Things I know will need to write to the FS:

  • Logs - Fine. Lots of PHP applications still write log files, because becoming a 12 factor PHP app is still a bit of a nightmare
  • Assets - I believe that there is a Pimcore plugin to store assets in S3? But I’ve not looked into it, if not, something to write
  • File Versions - Every time a version is saved, a file gets written to the FS containing the serialised object (shudders)

… and then what else … ?

I don’t mind things like cache files being written to FS if needs be (things like view caches and such (so I am not proposing to write a change to that) - but what else does Pimcore write to the machine FS that I will need to update, to be able to feature switch on storing files outside the local machine.

Is everything just in Pimcore\Model\Version ?

My thinking is that now that Pimcore is getting away from Zend Framework 1.2 (hurrah!) - we can bring it genuinely up to date, in terms of the methodologies that it uses - because right now, it’s not scalable without effort. And these problems have been solved before.

Thanks

Tom

Hi,
did you already have a look at
https://www.pimcore.org/docs/latest/Installation_and_Upgrade/System_Setup_and_Hosting/Amazon_AWS_Setup/index.html
and https://www.pimcore.org/docs/latest/Installation_and_Upgrade/System_Setup_and_Hosting/Amazon_AWS_Setup/Amazon_AWS_S3_Setup.html?

We didn’t had the chance to migrate and test it to Pimcore 5 but we are happy about every input in that direction.

BR
Christian

I had not seen that!

I will test this on the current version of Pimcore we use and on 5.x when I get chance, I will feed back any changes/problems.

This is suitable, but not exactly what I was thinking - This system of using S3 as the constant source without any intermediary cache, will be expensive on S3 calls - also s3 downloads will be fully blocking…

I will have a play, and if I can come up with something imaginative, I will submit a PR

thank you very much. looking forward to hear from you.

cheers…

Dear flock3, did you manage to investigate this? any updates?
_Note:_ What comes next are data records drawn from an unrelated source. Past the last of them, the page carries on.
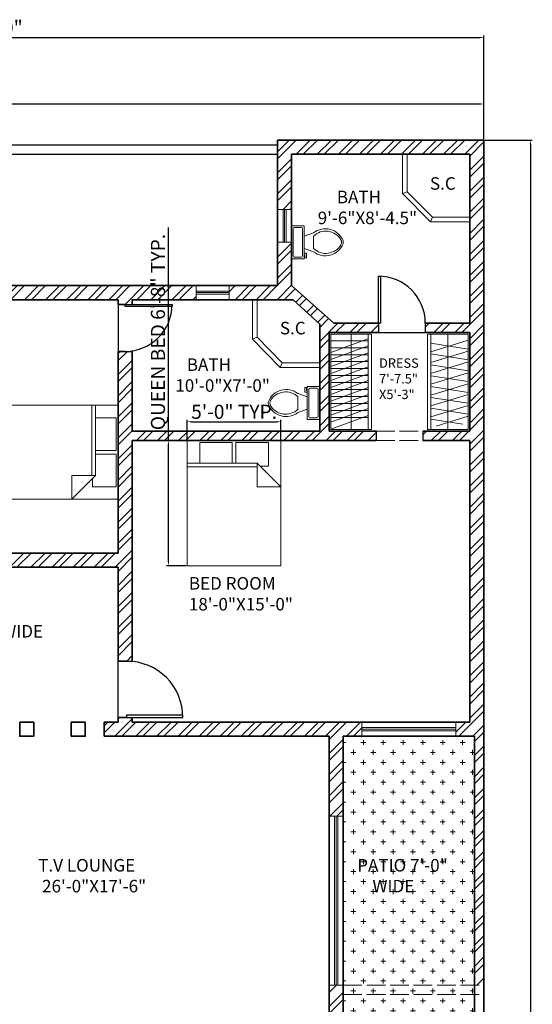
# Model space of a CAD drawing. Units: inches. Extents: x 839 to 1638, y 2998 to 4342.
# Tile 4 of 4: x 1223 to 1551, y 3713 to 4342. Entities that reach past the tile are written whole.
import ezdxf

# ---------------------------------------------------------------- set-up
doc = ezdxf.new("R2010")
doc.units = ezdxf.units.IN
doc.linetypes.add('ACAD_ISO02W100', pattern=[15, 12, -3])
for name, color, linetype, lineweight in [('A-ANNO-DIMS', 2, 'Continuous', 18), ('A-AREA-IDEN', 7, 'Continuous', 18), ('A-COLS', 7, 'Continuous', 35), ('A-DOOR', 4, 'Continuous', 25), ('A-DOOR-JAMB', 7, 'Continuous', 25), ('A-FLOR-CASE', 9, 'Continuous', 20), ('A-FLOR-CASE-PATT', 252, 'Continuous', 13), ('A-FLOR-FIXT', 9, 'Continuous', 18), ('A-FLOR-OVHD', 8, 'ACAD_ISO02W100', 18), ('A-FURN', 8, 'Continuous', 18), ('A-WALL', 7, 'Continuous', 35), ('A-WALL-OVHD', 8, 'ACAD_ISO02W100', 18), ('A-WALL-PATT', 252, 'Continuous', 13), ('C-PROP', 7, 'Continuous', 30)]:
    doc.layers.add(name, color=color, linetype=linetype, lineweight=lineweight)
doc.layers.add('A-GLAZ', color=244, linetype='Continuous', lineweight=20, true_color=0x991b1e)
doc.layers.add('L-SITE-PATT', color=116, linetype='Continuous', lineweight=13, true_color=0x136734)
doc.styles.get("Standard").update_dxf_attribs({"font": 'arial.ttf'})
doc.dimstyles.new('ISO-25', dxfattribs={"dimtxt": 9, "dimasz": 2.5, "dimexe": 1.25, "dimexo": 0.625, "dimtad": 1, "dimlunit": 3, "dimtxsty": 'Standard', "dimcen": 2.5, "dimadec": 0, "dimazin": 0, "dimtfac": 1, "dimtmove": 0, "dimatfit": 3, "dimfxl": 1, "dimarcsym": 0})

# ---------------------------------------------------------------- blocks, each defined once
blk = doc.blocks.new('*U4')
for p, q in [((0, 0), (0, 6)), ((40, 0), (40, 6))]:
    blk.add_line(p, q)
blk.add_lwpolyline([(0, 0), (0, -40), (1.75, -40), (1.75, 0)], close=True)
blk.add_arc((0, 0), 40, 270, 0)
blk = doc.blocks.new('*U8')
for p, q in [((0, 0), (0, -6)), ((40, 0), (40, -6))]:
    blk.add_line(p, q)
blk.add_lwpolyline([(0, 0), (0, 40), (1.75, 40), (1.75, 0)], close=True)
blk.add_arc((0, 0), 40, 360, 90)
blk = doc.blocks.new('Bed - Queen')
for p, q in [((0, -80.00003), (0, 0)), ((0, 0), (59.99999, 0)), ((59.99999, 0), (59.99999, -80.00003)), ((7.99999, -1.2), (28.79998, -1.2)), ((7.99999, -14.4), (7.99999, -1.2)), ((28.79998, -1.2), (28.79998, -14.4)), ((31.19999, -1.2), (51.99999, -1.2)), ((31.19999, -14.4), (31.19999, -1.2)), ((51.99999, -1.2), (51.99999, -16.4)), ((0, -14.4), (44.8, -14.4)), ((44.8, -16.8), (0, -16.8)), ((59.99999, -29.6), (44.8, -14.4)), ((44.8, -14.4), (44.8, -29.6)), ((51.99999, -16.4), (46.79936, -16.4)), ((44.8, -29.6), (59.99999, -29.6)), ((59.99999, -80.00003), (0, -80.00003))]:
    blk.add_line(p, q)
blk = doc.blocks.new('*U15')
for p, q in [((9.5, -6), (9.5, -2)), ((-10, -8.5), (-8, -8.5)), ((-10, -9.5), (-10, -8.5)), ((-7, -9.5), (-10, -9.5)), ((-8, -8.5), (-8, -8)), ((-7, -8), (-7, -9.5)), ((-4, -8), (-6, -14)), ((4, -8), (6, -14)), ((4, -14), (-4, -14))]:
    blk.add_line(p, q)
blk.add_lwpolyline([(10.5, -8), (10.5, 0), (-10.5, 0), (-10.5, -8)], close=True)
for points in [[(-9.5, -2), (-9.5, -6)], [(8.5, -1), (-8.5, -1)], [(-8.5, -7), (8.5, -7)]]:
    blk.add_lwpolyline(points)
for centre, radius, start, end in [((-8.62, -1.88), 0.884, 81.8699, 188.1301), ((-8.62, -6.12), 0.884, 171.8699, 278.1301), ((8.62, -1.88), 0.884, 351.8699, 98.1301), ((8.62, -6.12), 0.884, 261.8699, 8.1301), ((3.52, -21.58), 12.17, 141.46911, 247.97143), ((4.2, -21.82), 11.33, 136.36773, 238.94682), ((-3.52, -21.58), 12.17, 292.02843, 38.53071), ((-4.2, -21.82), 11.33, 301.05301, 43.63209), ((0, -27.88), 4, 245.73182, 294.26817), ((0, -29), 4, 254.86053, 285.13947)]:
    blk.add_arc(centre, radius, start, end)
blk = doc.blocks.new('*D20')
at = {"layer": 'A-ANNO-DIMS', "color": 0, "lineweight": -2, "transparency": 16777216}
for p, q in [((839.17, 4265.09), (839.17, 4289.16)), ((841.67, 4287.91), (1517.67, 4287.91)), ((1520.17, 4265.46), (1520.17, 4289.16))]:
    blk.add_line(p, q, dxfattribs=at)
at = {"layer": 'A-ANNO-DIMS', "color": 0, "transparency": 16777216}
for points in [[(841.67, 4288.33), (841.67, 4287.5), (839.17, 4287.91)], [(1517.67, 4288.33), (1517.67, 4287.5), (1520.17, 4287.91)]]:
    blk.add_solid(points, dxfattribs=at)
at = {"layer": 'Defpoints', "color": 0, "transparency": 16777216}
for p in [(1520.17, 4287.91), (839.17, 4264.46), (1520.17, 4264.84)]:
    blk.add_point(p, dxfattribs=at)
at = {"layer": 'A-ANNO-DIMS', "color": 0, "transparency": 16777216, "insert": (1179.67, 4293.13), "char_height": 9, "attachment_point": 5}
blk.add_mtext('56\'-9"', dxfattribs=at)
blk = doc.blocks.new('*D21')
at = {"layer": 'A-ANNO-DIMS', "color": 0, "lineweight": -2, "transparency": 16777216}
for p, q in [((1520.79, 4264.84), (1551.14, 4264.84)), ((1549.89, 4262.34), (1549.89, 3064.34)), ((1520.79, 3061.84), (1551.14, 3061.84))]:
    blk.add_line(p, q, dxfattribs=at)
at = {"layer": 'A-ANNO-DIMS', "color": 0, "transparency": 16777216}
for points in [[(1549.48, 4262.34), (1550.31, 4262.34), (1549.89, 4264.84)], [(1549.48, 3064.34), (1550.31, 3064.34), (1549.89, 3061.84)]]:
    blk.add_solid(points, dxfattribs=at)
at = {"layer": 'Defpoints', "color": 0, "transparency": 16777216}
for p in [(1520.17, 4264.84), (1520.17, 3061.84), (1549.89, 3061.84)]:
    blk.add_point(p, dxfattribs=at)
at = {"layer": 'A-ANNO-DIMS', "color": 0, "transparency": 16777216, "insert": (1544.67, 3663.34), "char_height": 9, "attachment_point": 5, "rotation": 90}
blk.add_mtext('100\'-3"', dxfattribs=at)
blk = doc.blocks.new('WIN-60x9')
for p, q in [((3.5, 60), (3.5, 0)), ((4.5, 60), (4.5, 0)), ((5.5, 60), (5.5, 0))]:
    blk.add_line(p, q)
blk.add_lwpolyline([(9, 60), (9, 0), (0, 0), (0, 60)], close=True)
blk = doc.blocks.new('WIN-21x9')
for p, q in [((0, 5.5), (21, 5.5)), ((0, 4.5), (21, 4.5)), ((0, 3.5), (21, 3.5))]:
    blk.add_line(p, q)
blk.add_lwpolyline([(0, 9), (21, 9), (21, 0), (0, 0)], close=True)
blk = doc.blocks.new('POST-9x9')
blk.add_lwpolyline([(0, 9), (9, 9), (9, 0), (0, 0)], close=True)
blk = doc.blocks.new('SHOWER-CORNER')
for p, q in [((40.25, 43.12), (40.25, 19.12)), ((43.25, 43.12), (43.25, 17.87)), ((24, 3), (40.25, 19.12)), ((40.25, 19.12), (43.25, 17.87)), ((25.23, 0), (43.25, 17.87)), ((0, 3), (24, 3)), ((0, 0), (25.23, 0)), ((24, 3), (25.23, 0))]:
    blk.add_line(p, q)
blk = doc.blocks.new('*D34')
at = {"layer": 'A-ANNO-DIMS', "color": 0, "lineweight": -2, "transparency": 16777216}
for p, q in [((1318.34, 4072.84), (1318.34, 4208.98)), ((1329.72, 4072.84), (1317.09, 4072.84)), ((1318.34, 3995.34), (1318.34, 4070.34)), ((1329.72, 3992.84), (1317.09, 3992.84))]:
    blk.add_line(p, q, dxfattribs=at)
at = {"layer": 'A-ANNO-DIMS', "color": 0, "transparency": 16777216}
for points in [[(1317.93, 4070.34), (1318.76, 4070.34), (1318.34, 4072.84)], [(1317.93, 3995.34), (1318.76, 3995.34), (1318.34, 3992.84)]]:
    blk.add_solid(points, dxfattribs=at)
at = {"layer": 'Defpoints', "color": 0, "transparency": 16777216}
for p in [(1318.34, 4072.84), (1330.34, 4072.84), (1330.34, 3992.84)]:
    blk.add_point(p, dxfattribs=at)
at = {"layer": 'A-ANNO-DIMS', "color": 0, "transparency": 16777216, "insert": (1312.79, 4142.16), "char_height": 9, "attachment_point": 5, "rotation": 90}
blk.add_mtext('QUEEN BED 6\'-8" TYP.', dxfattribs=at)
blk = doc.blocks.new('*D35')
at = {"layer": 'A-ANNO-DIMS', "color": 0, "lineweight": -2, "transparency": 16777216}
for p, q in [((1330.34, 4073.46), (1330.34, 4086.09)), ((1332.84, 4084.84), (1387.84, 4084.84)), ((1390.34, 4073.46), (1390.34, 4086.09))]:
    blk.add_line(p, q, dxfattribs=at)
at = {"layer": 'A-ANNO-DIMS', "color": 0, "transparency": 16777216}
for points in [[(1332.84, 4085.25), (1332.84, 4084.42), (1330.34, 4084.84)], [(1387.84, 4085.25), (1387.84, 4084.42), (1390.34, 4084.84)]]:
    blk.add_solid(points, dxfattribs=at)
at = {"layer": 'Defpoints', "color": 0, "transparency": 16777216}
for p in [(1390.34, 4084.84), (1330.34, 4072.84), (1390.34, 4072.84)]:
    blk.add_point(p, dxfattribs=at)
at = {"layer": 'A-ANNO-DIMS', "color": 0, "transparency": 16777216, "insert": (1360.34, 4090.06), "char_height": 9, "attachment_point": 5}
blk.add_mtext('5\'-0" TYP.', dxfattribs=at)
blk = doc.blocks.new('*D50')
at = {"layer": 'A-ANNO-DIMS', "color": 0, "lineweight": -2, "transparency": 16777216}
for p, q in [((896.17, 4172.46), (896.17, 4331.69)), ((898.67, 4330.44), (1517.67, 4330.44)), ((1520.17, 4265.46), (1520.17, 4331.69))]:
    blk.add_line(p, q, dxfattribs=at)
at = {"layer": 'A-ANNO-DIMS', "color": 0, "transparency": 16777216}
for points in [[(898.67, 4330.85), (898.67, 4330.02), (896.17, 4330.44)], [(1517.67, 4330.85), (1517.67, 4330.02), (1520.17, 4330.44)]]:
    blk.add_solid(points, dxfattribs=at)
at = {"layer": 'Defpoints', "color": 0, "transparency": 16777216}
for p in [(1520.17, 4330.44), (1520.17, 4264.84), (896.17, 4171.84)]:
    blk.add_point(p, dxfattribs=at)
at = {"layer": 'A-ANNO-DIMS', "color": 0, "transparency": 16777216, "insert": (1208.17, 4335.66), "char_height": 9, "attachment_point": 5}
blk.add_mtext('52\'-0"', dxfattribs=at)

msp = doc.modelspace()

# ---------------------------------------------------------------- hatches: boundary and pattern name
at = {"layer": 'A-FLOR-CASE-PATT'}
h = msp.add_hatch(dxfattribs=at)
h.set_pattern_fill('ANSI31', color=256, scale=1.319035, angle=-24.97004, style=0)
h.paths.add_polyline_path([(1422.169, 4133.326), (1422.169, 4079.836), (1446.169, 4088.585), (1446.169, 4137.618), (1442.767, 4140.836)])
h = msp.add_hatch(dxfattribs=at)
h.set_pattern_fill('ANSI31', color=256, scale=2.089406, angle=-28.02867, style=0)
h.paths.add_polyline_path([(1510.169, 4140.836), (1486.169, 4133.511), (1486.169, 4084.96), (1492.105, 4079.836), (1510.169, 4085.348)])
h = msp.add_hatch(dxfattribs=at)
h.set_pattern_fill('ANSI31', color=256, scale=1.403955, angle=-45, style=0)
h.paths.add_polyline_path([(1422.169, 4084.293), (1446.169, 4084.293), (1446.169, 4137.784), (1422.169, 4137.784)])
h = msp.add_hatch(dxfattribs=at)
h.set_pattern_fill('ANSI31', color=256, scale=2.157832, angle=126.0313, style=0)
h.paths.add_polyline_path([(1510.169, 4133.9), (1486.169, 4137.688), (1486.169, 4082.2), (1501.151, 4079.836), (1510.169, 4085.348)])
at = {"layer": 'A-WALL-PATT'}
h = msp.add_hatch(dxfattribs=at)
h.set_pattern_fill('ANSI32', color=256)
h.paths.add_polyline_path([(1440.674, 3673.836), (1430.169, 3673.836), (1430.169, 3724.836), (1421.169, 3724.836), (1421.169, 3673.836), (1209.669, 3673.836), (1209.669, 3670.236), (1209.669, 3664.836), (1247.169, 3664.836), (1247.169, 3661.836), (1252.569, 3661.836), (1256.169, 3661.836), (1256.169, 3664.836), (1440.674, 3664.836)])
h.paths.add_polyline_path([(1137.669, 3673.836), (1100.169, 3673.836), (1100.169, 3733.836), (1091.169, 3733.836), (1067.169, 3733.836), (1067.169, 3727.836), (1091.169, 3727.836), (1091.169, 3640.836), (971.169, 3640.836), (971.169, 3694.836), (962.169, 3694.836), (962.169, 3640.836), (896.169, 3640.836), (896.169, 3628.836), (905.169, 3628.836), (905.169, 3631.836), (1091.169, 3631.836), (1091.169, 3628.836), (1100.169, 3628.836), (1100.169, 3664.836), (1137.669, 3664.836)])
h.paths.add_polyline_path([(1256.169, 3625.836), (1247.169, 3625.836), (1247.169, 3491.75), (1237.967, 3478.332), (1245.508, 3473.161), (1247.169, 3475.836), (1520.169, 3475.836), (1520.169, 3595.836), (1504.368, 3595.836), (1504.368, 3586.836), (1511.169, 3586.836), (1511.169, 3484.836), (1439.169, 3484.836), (1439.169, 3550.955), (1415.169, 3550.955), (1415.169, 3586.836), (1418.169, 3586.836), (1418.169, 3595.836), (1406.169, 3595.836), (1406.169, 3544.955), (1433.169, 3544.955), (1433.169, 3484.836), (1406.169, 3484.836), (1256.169, 3484.836)])
h.paths.add_polyline_path([(1483.368, 3595.836), (1472.169, 3595.836), (1472.169, 3600.336), (1463.169, 3600.336), (1463.169, 3595.836), (1448.169, 3595.836), (1448.169, 3586.836), (1483.368, 3586.836)], flags=17)
h.paths.add_polyline_path([(1220.169, 3432.336), (1210.822, 3438.745), (1206.427, 3432.336), (1179.669, 3432.336), (1179.669, 3423.336), (1211.169, 3423.336), (1211.169, 3298.836), (1367.169, 3298.836), (1367.169, 3307.836), (1220.169, 3307.836)])
h.paths.add_polyline_path([(1041.669, 3532.086), (1058.169, 3532.086), (1058.169, 3541.086), (1032.669, 3541.086), (1032.669, 3432.336), (905.169, 3432.336), (905.169, 3470.704), (896.169, 3470.704), (896.169, 3423.336), (1055.555, 3423.336), (1055.555, 3432.336), (1041.669, 3432.336)])
h.paths.add_polyline_path([(1100.169, 3592.836), (1091.169, 3592.836), (1091.169, 3541.086), (1088.169, 3541.086), (1088.169, 3532.086), (1091.169, 3532.086), (1091.169, 3432.336), (1076.555, 3432.336), (1076.555, 3423.336), (1100.169, 3423.336), (1107.669, 3423.336), (1107.669, 3432.336), (1100.169, 3432.336)])
h.paths.add_polyline_path([(905.169, 3592.836), (896.169, 3592.836), (896.169, 3566.704), (905.169, 3566.704)])
h.paths.add_polyline_path([(905.169, 3763.836), (896.169, 3763.836), (896.169, 3727.836), (962.169, 3727.836), (962.169, 3724.836), (971.169, 3724.836), (971.169, 3727.836), (1031.169, 3727.836), (1031.169, 3733.836), (905.169, 3733.836)])
h.paths.add_polyline_path([(1109.169, 3892.836), (1100.169, 3892.836), (1100.169, 3895.836), (1091.169, 3895.836), (1091.169, 3886.836), (905.169, 3886.836), (905.169, 3937.836), (896.169, 3937.836), (896.169, 3847.836), (905.169, 3847.836), (905.169, 3877.836), (1091.169, 3877.836), (1091.169, 3859.836), (1100.169, 3859.836), (1100.169, 3883.836), (1109.169, 3883.836)])
h.paths.add_polyline_path([(905.169, 4162.836), (962.764, 4162.836), (962.764, 4171.836), (896.169, 4171.836), (896.169, 3997.836), (905.169, 3997.836), (905.169, 4048.836), (1010.169, 4048.836), (1010.169, 4054.836), (1007.169, 4054.836), (1007.169, 4057.836), (1001.169, 4057.836), (1001.169, 4054.836), (905.169, 4054.836)])
h.paths.add_polyline_path([(1152.669, 4171.836), (983.764, 4171.836), (983.764, 4162.836), (1001.169, 4162.836), (1001.169, 4087.836), (1007.169, 4087.836), (1007.169, 4162.836), (1073.169, 4162.836), (1073.169, 4054.836), (1046.169, 4054.836), (1046.169, 4048.836), (1091.169, 4048.836), (1091.169, 3931.836), (1100.169, 3931.836), (1100.169, 3991.836), (1103.169, 3991.836), (1103.169, 4000.836), (1100.169, 4000.836), (1100.169, 4054.836), (1079.169, 4054.836), (1079.169, 4162.836), (1152.669, 4162.836)])
h.paths.add_polyline_path([(1336.119, 4171.836), (1212.669, 4171.836), (1212.669, 4162.836), (1286.169, 4162.836), (1286.169, 4159.836), (1295.169, 4159.836), (1295.169, 4162.836), (1336.119, 4162.836)], flags=17)
h.paths.add_polyline_path([(1295.169, 4129.836), (1286.169, 4129.836), (1286.169, 4000.836), (1139.169, 4000.836), (1139.169, 3991.836), (1286.169, 3991.836), (1286.169, 3931.836), (1295.169, 3931.836), (1295.169, 4072.836), (1451.169, 4072.836), (1451.169, 4078.836), (1421.169, 4078.836), (1421.169, 4141.836), (1452.669, 4141.836), (1452.669, 4147.836), (1424.169, 4147.836), (1397.169, 4171.836), (1397.169, 4199.532), (1388.169, 4199.532), (1388.169, 4171.836), (1357.119, 4171.836), (1357.119, 4162.836), (1398.069, 4162.836), (1415.169, 4147.29), (1415.169, 4078.836), (1295.169, 4078.836)])
h.paths.add_polyline_path([(1442.169, 3892.836), (1295.169, 3892.836), (1295.169, 3895.836), (1286.169, 3895.836), (1286.169, 3892.836), (1277.169, 3892.836), (1277.169, 3883.836), (1421.169, 3883.836), (1421.169, 3832.836), (1430.169, 3832.836), (1430.169, 3883.836), (1442.169, 3883.836)])
h.paths.add_polyline_path([(1520.169, 4264.836), (1388.169, 4264.836), (1388.169, 4220.532), (1397.169, 4220.532), (1397.169, 4255.836), (1511.169, 4255.836), (1511.169, 4147.836), (1482.669, 4147.836), (1482.669, 4141.836), (1511.169, 4141.836), (1511.169, 4078.836), (1481.169, 4078.836), (1481.169, 4072.836), (1511.169, 4072.836), (1511.169, 3892.836), (1502.169, 3892.836), (1502.169, 3883.836), (1514.169, 3883.836), (1514.169, 3724.836), (1520.169, 3724.836)])
h.paths.add_polyline_path([(1319.528, 4099.601), (1381.705, 4099.601), (1381.705, 4129.453), (1319.528, 4129.453)], flags=25)
at = {"layer": 'L-SITE-PATT'}
h = msp.add_hatch(dxfattribs=at)
h.set_pattern_fill('CROSS', color=256)
h.paths.add_polyline_path([(1514.169, 3883.836), (1430.169, 3883.836), (1430.169, 3724.836), (1514.169, 3724.836)])
h.paths.add_polyline_path([(1514.169, 3718.836), (1430.169, 3718.836), (1430.169, 3673.836), (1514.169, 3673.836)])
h.paths.add_polyline_path([(1514.169, 3724.836), (1430.169, 3724.836), (1430.169, 3718.836), (1514.169, 3718.836)])
h.paths.add_polyline_path([(1436.251, 3779.553), (1499.144, 3779.553), (1499.144, 3809.372), (1436.251, 3809.372)], flags=24)

# ---------------------------------------------------------------- linework, layer by layer
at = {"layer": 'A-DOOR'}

FYI As you pointed out, S3 calls could be a little bit expensive, but there is another solution. If you decide (as we did inhouse) to use Ceph file system you will be able to isolate Assets. As our main goal is to 100% automate pimcore staging/deploying/dockerable etc - the biggest problem are “Assetes” becouse they live in project directory stucture.

Ceph has implementation of S3 calls. Their docs: “Ceph supports a RESTful API that is compatible with the the basic data access model of the Amazon S3 API.”). We are testing it now, and if our test will be success I will describe here how we did it.

best regards,
Mike

Hey Mike

That sounds cool - Interestingly assets are the least of our troubles at the moment, I don’t mind having an environment reset that flatterns and rebuilds the test/staging environments on every deployment

I’ve not yet had chance to investigate this, but when I do - I will pop my results in here :slight_smile:

If somebody decides to implement S3 or Ceph, I recommend using a filesystem abstraction layer, something like this:

https://github.com/thephpleague/flysystem or https://github.com/KnpLabs/Gaufrette

So, this would only need to be implemented once and you can configure different “filesystem” providers.

regards